Pochi preti e anziani. Infatti, l’epistola continua così: «Oltre al calo numerico c’è, anche per loro, l’invecchiamento coi relativi problemi fisici. Le scale, il ritmo delle visite e la quantità delle famiglie sono sempre più una fatica che facciamo volentieri, ma che si fanno sempre più sentire…». Pertanto, in vista del giro per le case per le tradizionali benedizioni pasquali, «dopo una vivace discussione», cos’ha deciso il Consiglio pastorale parrocchiale? «Di spalmare l’incontro con le famiglie in tre anni. Suddivideremo il territorio parrocchiale in tre zone (A, B, C). Ogni anno, prima di Pasqua andremo a benedire una zona». Tuttavia, «chi desidera, comunque, ricevere la “benedizione della famiglia” pur non appartenendo alla zona interessata per quest’anno, può compilare il tagliando [sic!] che trova sul retro e farlo pervenire in parrocchia».
Quest’anno la Pasqua arriva molto tardi. Come saprete, essa non ha una data fissa come il Natale, ma cade la domenica successiva il primo plenilunio di primavera (quest’anno venerdì 19 aprile); quindi, il 21 aprile. Ma a tanti cattolici, con le loro famiglie, mancherà qualcosa che da secoli e secoli si ripeteva: l’arrivo in casa del parroco – magari atteso con trepidazione –, il chierichetto, la benedizione con una preghiera. Infatti, quella cui abbiamo fatto riferimento non è l’unica parrocchia di Bologna che ha scelto quest’opzione, né il capoluogo emiliano è l’unica città italiana in cui il cattolicesimo è in difficoltà, e non solo per il giro delle benedizioni pasquali. Va così scomparendo non solo un rito cattolico, ma una tradizione; di più: una cultura millenaria. Chi mi conosce, sa che, anche se rispettoso del cristianesimo e aperto alla spiritualità, sono apertamente laico e ateo.

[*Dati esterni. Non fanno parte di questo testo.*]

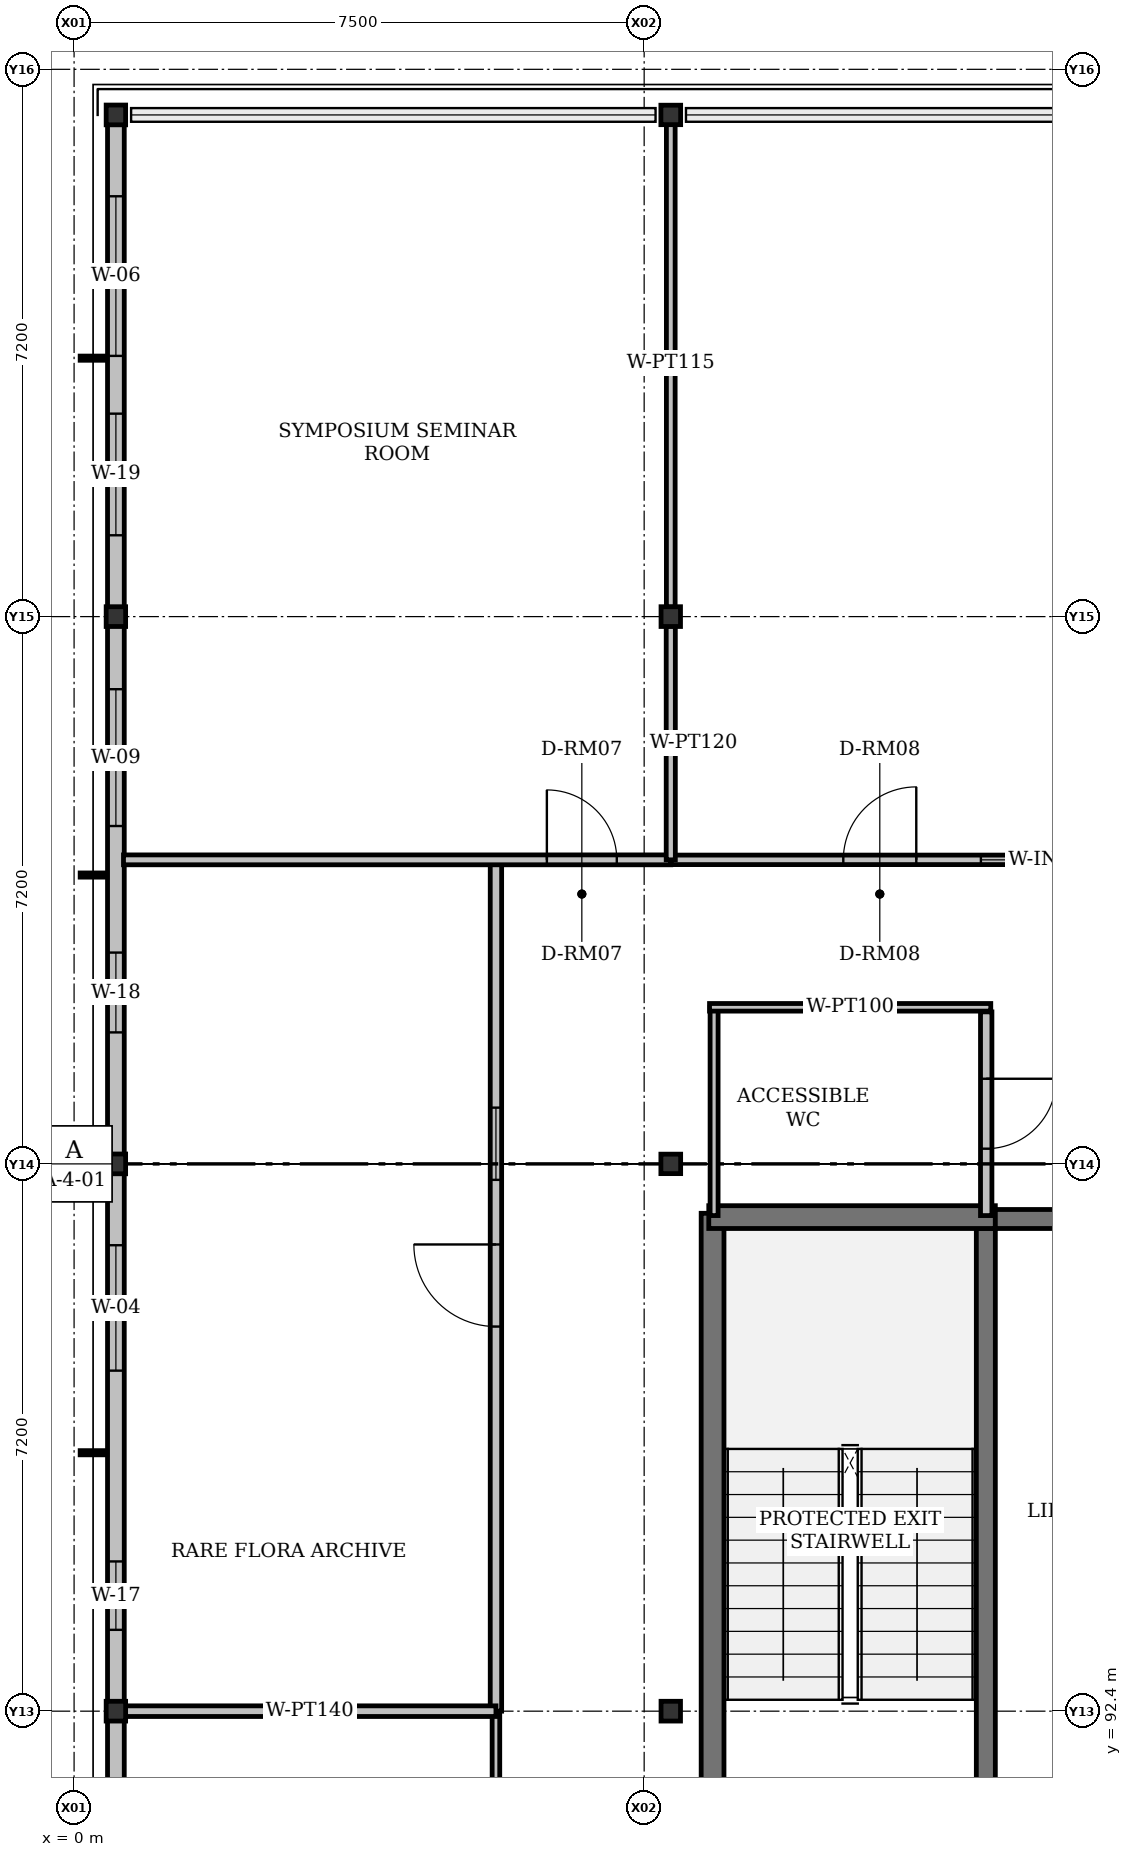
"""IFC4 building model, lengths in metres.
Left out: names, types, materials, properties, quantities, classifications, styles, units other than length and angle.
Written with IfcOpenShell. Run it as: python <this file> out.ifc"""

import sys

from ifc_helpers import new_model, si_unit, direction, frame, frame_2d, origin, origin_2d, place, context, subcontext, project, spatial, rectangle, i_section, extrude, element, fill, save


model = new_model("IFC4")
c1 = context("Model", 3, precision=1e-05, world=origin(), true_north=direction((0.0, 1.0)))
c2 = subcontext(c1, "Body", "Model", "MODEL_VIEW")
j1 = project(units=[si_unit("LENGTHUNIT", "METRE"), si_unit("PLANEANGLEUNIT", "RADIAN")], contexts=[c1])
p1 = place(None, origin())
s1 = spatial("IfcSite", under=j1, at=p1, CompositionType="ELEMENT")
p2 = place(p1, origin())
s2 = spatial("IfcBuilding", under=s1, at=p2, CompositionType="ELEMENT")
p3 = place(p2, frame((0.0, 0.0, 60.3)))
s3 = spatial("IfcBuildingStorey", under=s2, at=p3, CompositionType="ELEMENT", Elevation=60.3)
for number, where, z_axis, x_axis in (
    (1, (0.55, 92.4, 0.0), (0.0, 0.0, 1.0), (1.0, 0.0, 0.0)),
    (2, (7.85, 92.4, 0.0), (0.0, 0.0, 1.0), (1.0, 0.0, 0.0)),
    (3, (0.55, 99.6, 0.0), (0.0, 0.0, 1.0), (1.0, 0.0, 0.0)),
    (4, (7.85, 99.6, 0.0), (0.0, 0.0, 1.0), (0.0, 1.0, 0.0)),
    (5, (0.55, 106.8, 0.0), (0.0, 0.0, 1.0), (1.0, 0.0, 0.0)),
    (6, (7.85, 106.8, 0.0), (0.0, 0.0, 1.0), (1.0, 0.0, 0.0)),
    (7, (0.55, 113.4, 0.0), (0.0, 0.0, 1.0), (1.0, 0.0, 0.0)),
    (8, (7.85, 113.4, 0.0), (0.0, 0.0, 1.0), (0.0, 1.0, 0.0)),
):
    element("IfcColumn", number, at=place(p3, frame(where, z_axis=z_axis, x_axis=x_axis)), inside=s3, PredefinedType="COLUMN", context=c2, shape_type="SweptSolid", body=[
        extrude(i_section(OverallWidth=0.256, OverallDepth=0.26, WebThickness=0.011, FlangeThickness=0.017, FilletRadius=0.013, at=origin_2d()), origin(), (0.0, 0.0, 1.0), 4.2),
    ])
p4 = place(p3, frame((0.55, 85.2, 0.0), z_axis=(0.0, 0.0, 1.0), x_axis=(0.0, 1.0, 0.0)))
e9 = element("IfcWall", 9, at=p4, inside=s3, PredefinedType="SOLIDWALL", context=c2, shape_type="SweptSolid", body=[
    extrude(rectangle(XDim=7.2, YDim=0.22, at=frame_2d((3.6, 0.0))), origin(), (0.0, 0.0, 1.0), 3.577),
])
p5 = place(p4, frame((1.07, 0.0, 0.92)))
e10 = element("IfcOpeningElement", 10, at=p5, cuts=e9, PredefinedType="OPENING", context=c2, shape_type="SweptSolid", body=[
    extrude(rectangle(XDim=2.4, YDim=1.7, at=frame_2d((1.2, 0.85))), frame((0.0, 0.11, 0.0), z_axis=(0.0, -1.0, 0.0), x_axis=(1.0, 0.0, 0.0)), (0.0, 0.0, 1.0), 0.22),
])
p6 = place(p4, frame((4.63, 0.0, 0.92)))
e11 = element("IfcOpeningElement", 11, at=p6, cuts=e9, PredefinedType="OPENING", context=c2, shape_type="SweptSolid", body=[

Eppure, quella lettera mi ha procurato tristezza. È un mondo che se ne va (vedi Il Vaticano ha dato ormai per persa l’Europa?). Una cultura con la quale ci si poteva confrontare. Comunque, una cultura che ha permeato la spiritualità occidentale e ne ha abbellito il paesaggio con l’arte e l’architettura. Una cultura, della quale, come diceva Benedetto Croce, tutti eravamo intrisi, anche i non credenti e gli anticlericali. Considerare tutti gli esseri umani delle persone; e rispettarle. Attraverso la figura di Maria, la devozione del femminile. Mediante Gesù bambino, l’attenzione verso i fanciulli. E, poi, il libero arbitrio. Sono gli stessi valori del mondo “multietnico e multiculturale” che oggi ci viene imposto? Provo, allora, soprattutto malinconia e nostalgia del passato. Anche, quando bussava alla porta il parroco, di quel poter dire “no, grazie”.